S'pore dollar at 3-mth low, intervention hits won

S'pore dollar at 3-mth low, intervention hits won

SINGAPORE - The Singapore dollar hit a three-month low on Monday as investors cut long positions in anticipation that the Monetary Authority of Singapore could intervene to dampen the currency's strength, while South Korean authorities pushed down the won.

Though most other Asian currencies gained, their upside was limited by investors' wariness over the potential for intervention by central banks, dealers said.

"We should open a door to dollar buying intervention by almost all Asian countries, except Indonesia," said Yuna Park, a currency and bond analyst at Dongbu Securities in Seoul.

Model funds and interbank speculators sold the Singapore dollar, while investors also showed interest in selling the city-state's currency against the Malaysian ringgit.

The Singapore dollar touched 1.2314 against the US dollar, its weakest since Oct. 10, and technical factors could push it down to 1.2336, its weakest since October last year.

The city-state's currency has lost 0.7 per cent so far this year, according to Thomson Reuters data.

Manufacturing activity in Singapore contracted for a sixth consecutive month in December, bucking the improvement seen in many other countries, an industry survey showed last week.

The weak data was seen raising chances that the Monetary Authority of Singapore would intervene to dampen the strength of a Singapore dollar that rose 6.1 per cent against the US dollar last year.

"The data remains fairly poor, so that is seeing the Singapore dollar underperform some of the other currencies within the region," said Jonathan Cavenagh, a senior FX strategist at Westpac in Singapore.

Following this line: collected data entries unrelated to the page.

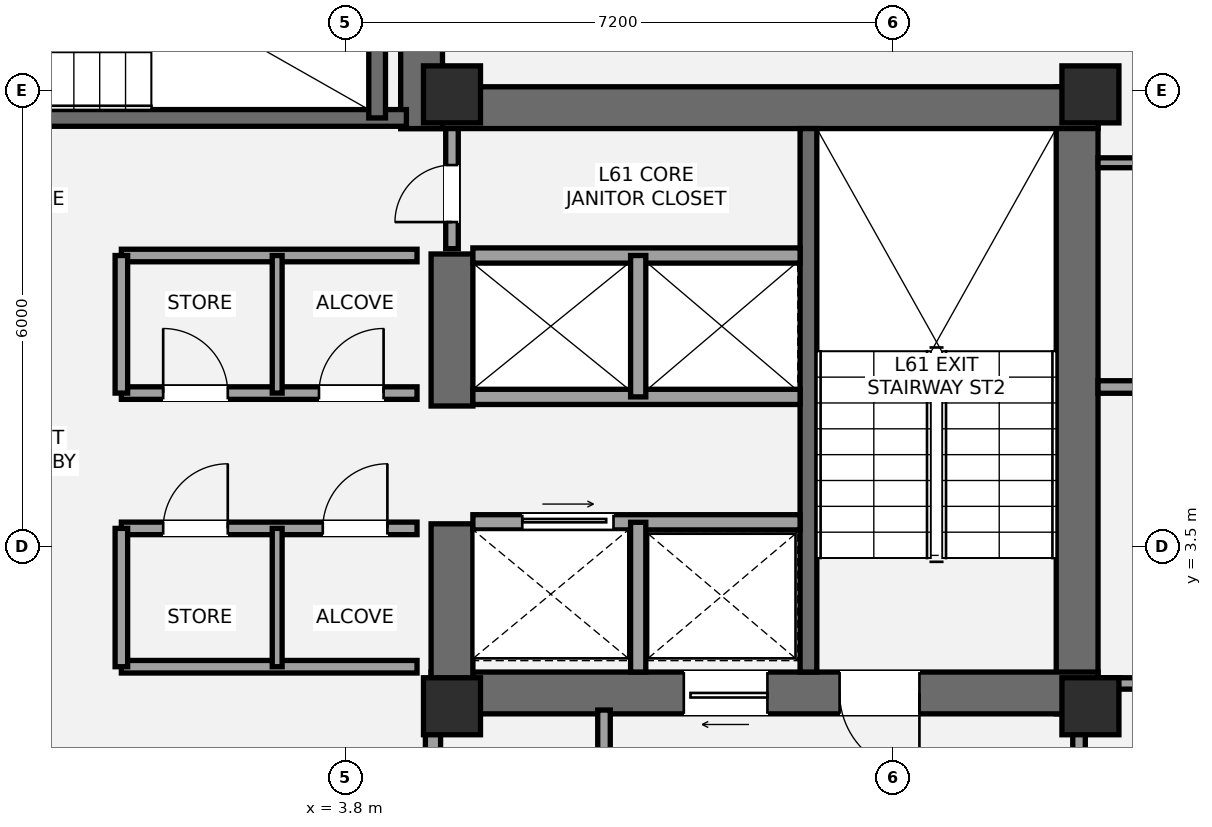
"""IFC4 building model, lengths in metres.
Left out: names, types, materials, properties, quantities, classifications, styles, units other than length and angle.
Written with IfcOpenShell. Run it as: python <this file> out.ifc"""

import sys

from ifc_helpers import new_model, si_unit, direction, frame, frame_2d, origin, origin_2d, place, context, subcontext, project, spatial, rectangle, extrude, element, fill, save


model = new_model("IFC4")
c1 = context("Model", 3, precision=1e-05, world=origin(), true_north=direction((0.0, 1.0)))
c2 = subcontext(c1, "Body", "Model", "MODEL_VIEW")
j1 = project(units=[si_unit("LENGTHUNIT", "METRE"), si_unit("PLANEANGLEUNIT", "RADIAN")], contexts=[c1])
p1 = place(None, origin())
s1 = spatial("IfcSite", under=j1, at=p1, CompositionType="ELEMENT")
p2 = place(p1, origin())
s2 = spatial("IfcBuilding", under=s1, at=p2, CompositionType="ELEMENT")
p3 = place(p2, frame((0.0, 0.0, 219.45)))
s3 = spatial("IfcBuildingStorey", under=s2, at=p3, CompositionType="ELEMENT", Elevation=219.45)
p4 = place(p3, frame((13.425, 1.3, 0.0), z_axis=(0.0, 0.0, 1.0), x_axis=(0.0, 1.0, 0.0)))
e1 = element("IfcWall", 1, at=p4, inside=s3, PredefinedType="SHEAR", context=c2, shape_type="SweptSolid", body=[
    extrude(rectangle(XDim=8.25, YDim=0.55, at=frame_2d((4.125, 0.0))), origin(), (0.0, 0.0, 1.0), 3.15),
])
p5 = place(p3, frame((4.525, 9.275, 0.0), z_axis=(0.0, 0.0, 1.0), x_axis=(1.0, 0.0, 0.0)))
e2 = element("IfcWall", 2, at=p5, inside=s3, PredefinedType="SHEAR", context=c2, shape_type="SweptSolid", body=[
    extrude(rectangle(XDim=9.175, YDim=0.55, at=frame_2d((4.587, 0.0))), origin(), (0.0, 0.0, 1.0), 3.15),
])
p6 = place(p3, frame((13.7, 1.575, 0.0), z_axis=(0.0, 0.0, 1.0), x_axis=(-1.0, 0.0, 0.0)))
e3 = element("IfcWall", 3, at=p6, inside=s3, PredefinedType="SHEAR", context=c2, shape_type="SweptSolid", body=[
    extrude(rectangle(XDim=8.775, YDim=0.55, at=frame_2d((4.387, 0.0))), origin(), (0.0, 0.0, 1.0), 3.15),
])
p7 = place(p6, frame((2.35, 0.0, 0.0)))
e4 = element("IfcOpeningElement", 4, at=p7, cuts=e3, PredefinedType="OPENING", context=c2, shape_type="SweptSolid", body=[
    extrude(rectangle(XDim=1.05, YDim=2.15, at=frame_2d((0.525, 1.075))), frame((0.0, 0.285, 0.0), z_axis=(0.0, -1.0, 0.0), x_axis=(1.0, 0.0, 0.0)), (0.0, 0.0, 1.0), 0.57),
])
p8 = place(p6, frame((4.35, 0.0, 0.0)))
e5 = element("IfcOpeningElement", 5, at=p8, cuts=e3, PredefinedType="OPENING", context=c2, shape_type="SweptSolid", body=[
    extrude(rectangle(XDim=1.1, YDim=2.2, at=frame_2d((0.55, 1.1))), frame((0.0, 0.285, 0.0), z_axis=(0.0, -1.0, 0.0), x_axis=(1.0, 0.0, 0.0)), (0.0, 0.0, 1.0), 0.57),
])
p9 = place(p3, frame((5.2, 1.3, 0.0), z_axis=(0.0, 0.0, 1.0), x_axis=(0.0, 1.0, 0.0)))
e6 = element("IfcWall", 6, at=p9, inside=s3, PredefinedType="SHEAR", context=c2, shape_type="SweptSolid", body=[
    extrude(rectangle(XDim=2.5, YDim=0.55, at=frame_2d((1.25, 0.0))), origin(), (0.0, 0.0, 1.0), 3.15),
])
p10 = place(p3, frame((5.2, 5.35, 0.0), z_axis=(0.0, 0.0, 1.0), x_axis=(0.0, 1.0, 0.0)))
e7 = element("IfcWall", 7, at=p10, inside=s3, PredefinedType="SHEAR", context=c2, shape_type="SweptSolid", body=[
    extrude(rectangle(XDim=2.0, YDim=0.55, at=frame_2d((1.0, 0.0))), origin(), (0.0, 0.0, 1.0), 3.15),
])
p11 = place(p3, frame((9.89, 1.85, 0.0), z_axis=(0.0, 0.0, 1.0), x_axis=(0.0, 1.0, 0.0)))
e8 = element("IfcWall", 8, at=p11, inside=s3, PredefinedType="SHEAR", context=c2, shape_type="SweptSolid", body=[
    extrude(rectangle(XDim=7.15, YDim=0.22, at=frame_2d((3.575, 0.0))), origin(), (0.0, 0.0, 1.0), 3.15),
])
p12 = place(p3, frame((4.8, 9.0, 0.0), z_axis=(0.0, 0.0, 1.0), x_axis=(0.0, 1.0, 0.0)))
e9 = element("IfcWall", 9, at=p12, inside=s3, PredefinedType="SHEAR", context=c2, shape_type="SweptSolid", body=[
    extrude(rectangle(XDim=3.95, YDim=0.55, at=frame_2d((1.975, 0.0))), origin(), (0.0, 0.0, 1.0), 3.15),
])
p13 = place(p3, frame((-4.7, 9.14, 0.0), z_axis=(0.0, 0.0, 1.0), x_axis=(1.0, 0.0, 0.0)))
e10 = element("IfcWall", 10, at=p13, inside=s3, PredefinedType="SHEAR", context=c2, shape_type="SweptSolid", body=[
    extrude(rectangle(XDim=9.3, YDim=0.22, at=frame_2d((4.65, 0.0))), origin(), (0.0, 0.0, 1.0), 3.15),
])
p14 = place(p13, frame((1.15, 0.0, 0.0)))
e11 = element("IfcOpeningElement", 11, at=p14, cuts=e10, PredefinedType="OPENING", context=c2, shape_type="SweptSolid", body=[
    extrude(rectangle(XDim=1.05, YDim=2.15, at=frame_2d((0.525, 1.075))), frame((0.0, 0.12, 0.0), z_axis=(0.0, -1.0, 0.0), x_axis=(1.0, 0.0, 0.0)), (0.0, 0.0, 1.0), 0.24),
])
p15 = place(p3, frame((4.215, 9.14, 0.0), z_axis=(0.0, 0.0, 1.0), x_axis=(0.0, 1.0, 0.0)))
e12 = element("IfcWall", 12, at=p15, inside=s3, PredefinedType="SHEAR", context=c2, shape_type="SweptSolid", body=[
    extrude(rectangle(XDim=3.26, YDim=0.22, at=frame_2d((1.63, 0.0))), origin(), (0.0, 0.0, 1.0), 3.15),
])
for number, where, z_axis, x_axis in (
    (13, (5.2, 1.4, 0.0), (0.0, 0.0, 1.0), (1.0, 0.0, 0.0)),
    (14, (5.2, 9.45, 0.0), (0.0, 0.0, 1.0), (1.0, 0.0, 0.0)),
    (15, (13.6, 1.4, 0.0), (0.0, 0.0, 1.0), (1.0, 0.0, 0.0)),
    (16, (13.6, 9.45, 0.0), (0.0, 0.0, 1.0), (1.0, 0.0, 0.0)),
):
    element("IfcColumn", number, at=place(p3, frame(where, z_axis=z_axis, x_axis=x_axis)), inside=s3, PredefinedType="PILASTER", context=c2, shape_type="SweptSolid", body=[
        extrude(rectangle(XDim=0.75, YDim=0.75, at=origin_2d()), origin(), (0.0, 0.0, 1.0), 3.15),
    ])
p16 = place(p3, frame((13.991, 11.482, 0.0), z_axis=(0.0, 0.0, 1.0), x_axis=(0.827609463482, -0.56130435234, 0.0)))
e17 = element("IfcWall", 17, at=p16, inside=s3, PredefinedType="STANDARD", context=c2, shape_type="SweptSolid", body=[
    extrude(rectangle(XDim=3.727, YDim=0.44, at=frame_2d((1.863, 0.0))), origin(), (0.0, 0.0, 1.0), 2.336),
])
p17 = place(p16, frame((2.626, 0.0, 0.42)))
e18 = element("IfcOpeningElement", 18, at=p17, cuts=e17, PredefinedType="OPENING", context=c2, shape_type="SweptSolid", body=[
    extrude(rectangle(XDim=0.9, YDim=1.35, at=frame_2d((0.45, 0.675))), frame((0.0, 0.23, 0.0), z_axis=(0.0, -1.0, 0.0), x_axis=(1.0, 0.0, 0.0)), (0.0, 0.0, 1.0), 0.46),
])
p18 = place(p3, frame((7.2, -2.15, 0.0), z_axis=(0.0, 0.0, 1.0), x_axis=(0.0, 1.0, 0.0)))
e19 = element("IfcWall", 19, at=p18, inside=s3, PredefinedType="PARTITIONING", context=c2, shape_type="SweptSolid", body=[
    extrude(rectangle(XDim=3.5, YDim=0.165, at=frame_2d((1.75, 0.0))), origin(), (0.0, 0.0, 1.0), 2.423),
])
p19 = place(p3, frame((13.45, -2.15, 0.0), z_axis=(0.0, 0.0, 1.0), x_axis=(0.0, 1.0, 0.0)))
e20 = element("IfcWall", 20, at=p19, inside=s3, PredefinedType="PARTITIONING", context=c2, shape_type="SweptSolid", body=[
    extrude(rectangle(XDim=3.5, YDim=0.165, at=frame_2d((1.75, 0.0))), origin(), (0.0, 0.0, 1.0), 2.423),
])
p20 = place(p19, frame((0.67, 0.0, 0.0)))
e21 = element("IfcOpeningElement", 21, at=p20, cuts=e20, PredefinedType="OPENING", context=c2, shape_type="SweptSolid", body=[
    extrude(rectangle(XDim=1.05, YDim=2.15, at=frame_2d((0.525, 1.075))), frame((0.0, 0.093, 0.0), z_axis=(0.0, -1.0, 0.0), x_axis=(1.0, 0.0, 0.0)), (0.0, 0.0, 1.0), 0.185),
])
p21 = place(p3, frame((4.95, -2.15, 0.0), z_axis=(0.0, 0.0, 1.0), x_axis=(0.0, 1.0, 0.0)))
e22 = element("IfcWall", 22, at=p21, inside=s3, PredefinedType="SOLIDWALL", context=c2, shape_type="SweptSolid", body=[
    extrude(rectangle(XDim=3.5, YDim=0.2, at=frame_2d((1.75, 0.0))), origin(), (0.0, 0.0, 1.0), 2.423),
])
p22 = place(p21, frame((0.95, 0.0, 0.0)))
e23 = element("IfcOpeningElement", 23, at=p22, cuts=e22, PredefinedType="OPENING", context=c2, shape_type="SweptSolid", body=[
    extrude(rectangle(XDim=0.75, YDim=2.1, at=frame_2d((0.375, 1.05))), frame((0.0, 0.11, 0.0), z_axis=(0.0, -1.0, 0.0), x_axis=(1.0, 0.0, 0.0)), (0.0, 0.0, 1.0), 0.22),
])
p23 = place(p3, frame((5.475, 3.82, 0.0), z_axis=(0.0, 0.0, 1.0), x_axis=(1.0, 0.0, 0.0)))
e24 = element("IfcWall", 24, at=p23, inside=s3, PredefinedType="SOLIDWALL", context=c2, shape_type="SweptSolid", body=[
    extrude(rectangle(XDim=4.305, YDim=0.2, at=frame_2d((2.152, 0.0))), origin(), (0.0, 0.0, 1.0), 2.97),
])
p24 = place(p23, frame((0.65, 0.0, 0.0)))
e25 = element("IfcOpeningElement", 25, at=p24, cuts=e24, PredefinedType="OPENING", context=c2, shape_type="SweptSolid", body=[
    extrude(rectangle(XDim=1.2, YDim=2.2, at=frame_2d((0.6, 1.1))), frame((0.0, 0.11, 0.0), z_axis=(0.0, -1.0, 0.0), x_axis=(1.0, 0.0, 0.0)), (0.0, 0.0, 1.0), 0.22),
])
p25 = place(p3, frame((7.65, 1.85, 0.0), z_axis=(0.0, 0.0, 1.0), x_axis=(0.0, 1.0, 0.0)))
e26 = element("IfcWall", 26, at=p25, inside=s3, PredefinedType="SOLIDWALL", context=c2, shape_type="SweptSolid", body=[
    extrude(rectangle(XDim=1.97, YDim=0.2, at=frame_2d((0.985, 0.0))), origin(), (0.0, 0.0, 1.0), 2.97),
])
for number, where, z_axis, x_axis in (
    (27, (5.475, 5.47, 0.0), (0.0, 0.0, 1.0), (1.0, 0.0, 0.0)),
    (28, (5.475, 7.33, 0.0), (0.0, 0.0, 1.0), (1.0, 0.0, 0.0)),
):
    element("IfcWall", number, at=place(p3, frame(where, z_axis=z_axis, x_axis=x_axis)), inside=s3, PredefinedType="SOLIDWALL", context=c2, shape_type="SweptSolid", body=[
        extrude(rectangle(XDim=4.305, YDim=0.2, at=frame_2d((2.152, 0.0))), origin(), (0.0, 0.0, 1.0), 2.97),
    ])
p26 = place(p3, frame((7.65, 5.47, 0.0), z_axis=(0.0, 0.0, 1.0), x_axis=(0.0, 1.0, 0.0)))
e29 = element("IfcWall", 29, at=p26, inside=s3, PredefinedType="SOLIDWALL", context=c2, shape_type="SweptSolid", body=[
    extrude(rectangle(XDim=1.86, YDim=0.2, at=frame_2d((0.93, 0.0))), origin(), (0.0, 0.0, 1.0), 2.97),
])
p27 = place(p3, frame((0.85, 1.92, 0.0), z_axis=(0.0, 0.0, 1.0), x_axis=(1.0, 0.0, 0.0)))
e30 = element("IfcWall", 30, at=p27, inside=s3, PredefinedType="PARTITIONING", context=c2, shape_type="SweptSolid", body=[
    extrude(rectangle(XDim=3.89, YDim=0.165, at=frame_2d((1.945, 0.0))), origin(), (0.0, 0.0, 1.0), 2.11),
])
p28 = place(p3, frame((0.85, 3.74, 0.0), z_axis=(0.0, 0.0, 1.0), x_axis=(1.0, 0.0, 0.0)))
e31 = element("IfcWall", 31, at=p28, inside=s3, PredefinedType="PARTITIONING", context=c2, shape_type="SweptSolid", body=[
    extrude(rectangle(XDim=3.89, YDim=0.165, at=frame_2d((1.945, 0.0))), origin(), (0.0, 0.0, 1.0), 2.97),
])
p29 = place(p28, frame((0.55, 0.0, 0.0)))
e32 = element("IfcOpeningElement", 32, at=p29, cuts=e31, PredefinedType="OPENING", context=c2, shape_type="SweptSolid", body=[
    extrude(rectangle(XDim=0.85, YDim=2.1, at=frame_2d((0.425, 1.05))), frame((0.0, 0.093, 0.0), z_axis=(0.0, -1.0, 0.0), x_axis=(1.0, 0.0, 0.0)), (0.0, 0.0, 1.0), 0.185),
])
p30 = place(p28, frame((2.65, 0.0, 0.0)))
e33 = element("IfcOpeningElement", 33, at=p30, cuts=e31, PredefinedType="OPENING", context=c2, shape_type="SweptSolid", body=[
    extrude(rectangle(XDim=0.85, YDim=2.1, at=frame_2d((0.425, 1.05))), frame((0.0, 0.093, 0.0), z_axis=(0.0, -1.0, 0.0), x_axis=(1.0, 0.0, 0.0)), (0.0, 0.0, 1.0), 0.185),
])
p31 = place(p3, frame((0.85, 1.92, 0.0), z_axis=(0.0, 0.0, 1.0), x_axis=(0.0, 1.0, 0.0)))
e34 = element("IfcWall", 34, at=p31, inside=s3, PredefinedType="PARTITIONING", context=c2, shape_type="SweptSolid", body=[
    extrude(rectangle(XDim=1.82, YDim=0.165, at=frame_2d((0.91, 0.0))), origin(), (0.0, 0.0, 1.0), 2.97),
])
p32 = place(p3, frame((2.9, 1.92, 0.0), z_axis=(0.0, 0.0, 1.0), x_axis=(0.0, 1.0, 0.0)))
e35 = element("IfcWall", 35, at=p32, inside=s3, PredefinedType="PARTITIONING", context=c2, shape_type="SweptSolid", body=[
    extrude(rectangle(XDim=1.82, YDim=0.13, at=frame_2d((0.91, 0.0))), origin(), (0.0, 0.0, 1.0), 2.97),
])
p33 = place(p3, frame((0.85, 5.52, 0.0), z_axis=(0.0, 0.0, 1.0), x_axis=(1.0, 0.0, 0.0)))
e36 = element("IfcWall", 36, at=p33, inside=s3, PredefinedType="PARTITIONING", context=c2, shape_type="SweptSolid", body=[
    extrude(rectangle(XDim=3.89, YDim=0.165, at=frame_2d((1.945, 0.0))), origin(), (0.0, 0.0, 1.0), 2.97),
])
p34 = place(p33, frame((0.55, 0.0, 0.0)))
e37 = element("IfcOpeningElement", 37, at=p34, cuts=e36, PredefinedType="OPENING", context=c2, shape_type="SweptSolid", body=[
    extrude(rectangle(XDim=0.85, YDim=2.1, at=frame_2d((0.425, 1.05))), frame((0.0, 0.093, 0.0), z_axis=(0.0, -1.0, 0.0), x_axis=(1.0, 0.0, 0.0)), (0.0, 0.0, 1.0), 0.185),
])
p35 = place(p33, frame((2.6, 0.0, 0.0)))
e38 = element("IfcOpeningElement", 38, at=p35, cuts=e36, PredefinedType="OPENING", context=c2, shape_type="SweptSolid", body=[
    extrude(rectangle(XDim=0.85, YDim=2.1, at=frame_2d((0.425, 1.05))), frame((0.0, 0.093, 0.0), z_axis=(0.0, -1.0, 0.0), x_axis=(1.0, 0.0, 0.0)), (0.0, 0.0, 1.0), 0.185),
])
p36 = place(p3, frame((0.85, 7.33, 0.0), z_axis=(0.0, 0.0, 1.0), x_axis=(1.0, 0.0, 0.0)))
e39 = element("IfcWall", 39, at=p36, inside=s3, PredefinedType="PARTITIONING", context=c2, shape_type="SweptSolid", body=[
    extrude(rectangle(XDim=3.89, YDim=0.165, at=frame_2d((1.945, 0.0))), origin(), (0.0, 0.0, 1.0), 2.97),
])
p37 = place(p3, frame((0.85, 5.52, 0.0), z_axis=(0.0, 0.0, 1.0), x_axis=(0.0, 1.0, 0.0)))
e40 = element("IfcWall", 40, at=p37, inside=s3, PredefinedType="PARTITIONING", context=c2, shape_type="SweptSolid", body=[
    extrude(rectangle(XDim=1.81, YDim=0.165, at=frame_2d((0.905, 0.0))), origin(), (0.0, 0.0, 1.0), 2.97),
])
p38 = place(p3, frame((2.9, 5.52, 0.0), z_axis=(0.0, 0.0, 1.0), x_axis=(0.0, 1.0, 0.0)))
e41 = element("IfcWall", 41, at=p38, inside=s3, PredefinedType="PARTITIONING", context=c2, shape_type="SweptSolid", body=[
    extrude(rectangle(XDim=1.81, YDim=0.13, at=frame_2d((0.905, 0.0))), origin(), (0.0, 0.0, 1.0), 2.97),
])
p39 = place(p3, frame((5.2, 7.42, 0.0), z_axis=(0.0, 0.0, 1.0), x_axis=(0.0, 1.0, 0.0)))
e42 = element("IfcWall", 42, at=p39, inside=s3, PredefinedType="PARTITIONING", context=c2, shape_type="SweptSolid", body=[
    extrude(rectangle(XDim=1.58, YDim=0.165, at=frame_2d((0.79, 0.0))), origin(), (0.0, 0.0, 1.0), 2.97),
])
p40 = place(p39, frame((0.35, 0.0, 0.0)))
e43 = element("IfcOpeningElement", 43, at=p40, cuts=e42, PredefinedType="OPENING", context=c2, shape_type="SweptSolid", body=[
    extrude(rectangle(XDim=0.75, YDim=2.1, at=frame_2d((0.375, 1.05))), frame((0.0, 0.093, 0.0), z_axis=(0.0, -1.0, 0.0), x_axis=(1.0, 0.0, 0.0)), (0.0, 0.0, 1.0), 0.185),
])
p41 = place(p3, frame((13.7, 5.6, 0.0), z_axis=(0.0, 0.0, 1.0), x_axis=(1.0, 0.0, 0.0)))
e44 = element("IfcWall", 44, at=p41, inside=s3, PredefinedType="PARTITIONING", context=c2, shape_type="SweptSolid", body=[
    extrude(rectangle(XDim=6.874, YDim=0.165, at=frame_2d((3.437, 0.0))), origin(), (0.0, 0.0, 1.0), 2.423),
])
p42 = place(p41, frame((3.458, 0.0, 0.0)))
e45 = element("IfcOpeningElement", 45, at=p42, cuts=e44, PredefinedType="OPENING", context=c2, shape_type="SweptSolid", body=[
    extrude(rectangle(XDim=0.85, YDim=2.1, at=frame_2d((0.425, 1.05))), frame((0.0, 0.093, 0.0), z_axis=(0.0, -1.0, 0.0), x_axis=(1.0, 0.0, 0.0)), (0.0, 0.0, 1.0), 0.185),
])
p43 = place(p3, frame((13.7, 1.7, 0.0), z_axis=(0.0, 0.0, 1.0), x_axis=(1.0, 0.0, 0.0)))
e46 = element("IfcWall", 46, at=p43, inside=s3, PredefinedType="PLUMBINGWALL", context=c2, shape_type="SweptSolid", body=[
    extrude(rectangle(XDim=4.25, YDim=0.15, at=frame_2d((2.125, 0.0))), origin(), (0.0, 0.0, 1.0), 2.423),
])
p44 = place(p43, frame((0.55, 0.0, 0.0)))
e47 = element("IfcOpeningElement", 47, at=p44, cuts=e46, PredefinedType="OPENING", context=c2, shape_type="SweptSolid", body=[
    extrude(rectangle(XDim=0.8, YDim=2.1, at=frame_2d((0.4, 1.05))), frame((0.0, 0.085, 0.0), z_axis=(0.0, -1.0, 0.0), x_axis=(1.0, 0.0, 0.0)), (0.0, 0.0, 1.0), 0.17),
])
p45 = place(p43, frame((2.15, 0.0, 0.0)))
e48 = element("IfcOpeningElement", 48, at=p45, cuts=e46, PredefinedType="OPENING", context=c2, shape_type="SweptSolid", body=[
    extrude(rectangle(XDim=0.85, YDim=2.1, at=frame_2d((0.425, 1.05))), frame((0.0, 0.085, 0.0), z_axis=(0.0, -1.0, 0.0), x_axis=(1.0, 0.0, 0.0)), (0.0, 0.0, 1.0), 0.17),
])
p46 = place(p3, frame((13.7, 8.55, 0.0), z_axis=(0.0, 0.0, 1.0), x_axis=(1.0, 0.0, 0.0)))
e49 = element("IfcWall", 49, at=p46, inside=s3, PredefinedType="PARTITIONING", context=c2, shape_type="SweptSolid", body=[
    extrude(rectangle(XDim=3.988, YDim=0.13, at=frame_2d((1.994, 0.0))), origin(), (0.0, 0.0, 1.0), 2.423),
])
p47 = place(p46, frame((1.986, 0.0, 0.0)))
e50 = element("IfcOpeningElement", 50, at=p47, cuts=e49, PredefinedType="OPENING", context=c2, shape_type="SweptSolid", body=[
    extrude(rectangle(XDim=0.85, YDim=2.1, at=frame_2d((0.425, 1.05))), frame((0.0, 0.075, 0.0), z_axis=(0.0, -1.0, 0.0), x_axis=(1.0, 0.0, 0.0)), (0.0, 0.0, 1.0), 0.15),
])
p48 = place(p7, origin())
e51 = element("IfcDoor", 51, at=p48, inside=s3, OperationType="SINGLE_SWING_LEFT", PredefinedType="DOOR", context=c2, shape_type="SweptSolid", body=[
    extrude(rectangle(XDim=1.05, YDim=2.15, at=frame_2d((0.525, 1.075))), frame((0.0, 0.025, 0.0), z_axis=(0.0, -1.0, 0.0), x_axis=(1.0, 0.0, 0.0)), (0.0, 0.0, 1.0), 0.05),
])
fill(e4, e51)
p49 = place(p8, origin())
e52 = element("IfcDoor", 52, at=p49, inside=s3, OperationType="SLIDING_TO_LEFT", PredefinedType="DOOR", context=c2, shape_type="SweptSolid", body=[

The won turned weaker after hitting a 17-month high against the dollar as the South Korean authorities were spotted selling the currency to forestall further appreciation, prompting traders to cover short dollar positions, dealers said.

In contrast to regional peers trying to slow down appreciation in their currencies, Indonesia's central bank has been spotted selling dollars to prop up the rupiah.

Still, dealers and analysts expect emerging Asian currencies to stay firm due to expectations that the Bank of Japan will deliver more policy stimulus.

Japan's newly-elected Prime Minister Shinzo Abe reiterated his call for bold easing by the central bank, big fiscal spending and an economic growth strategy as steps towards conquering deflation.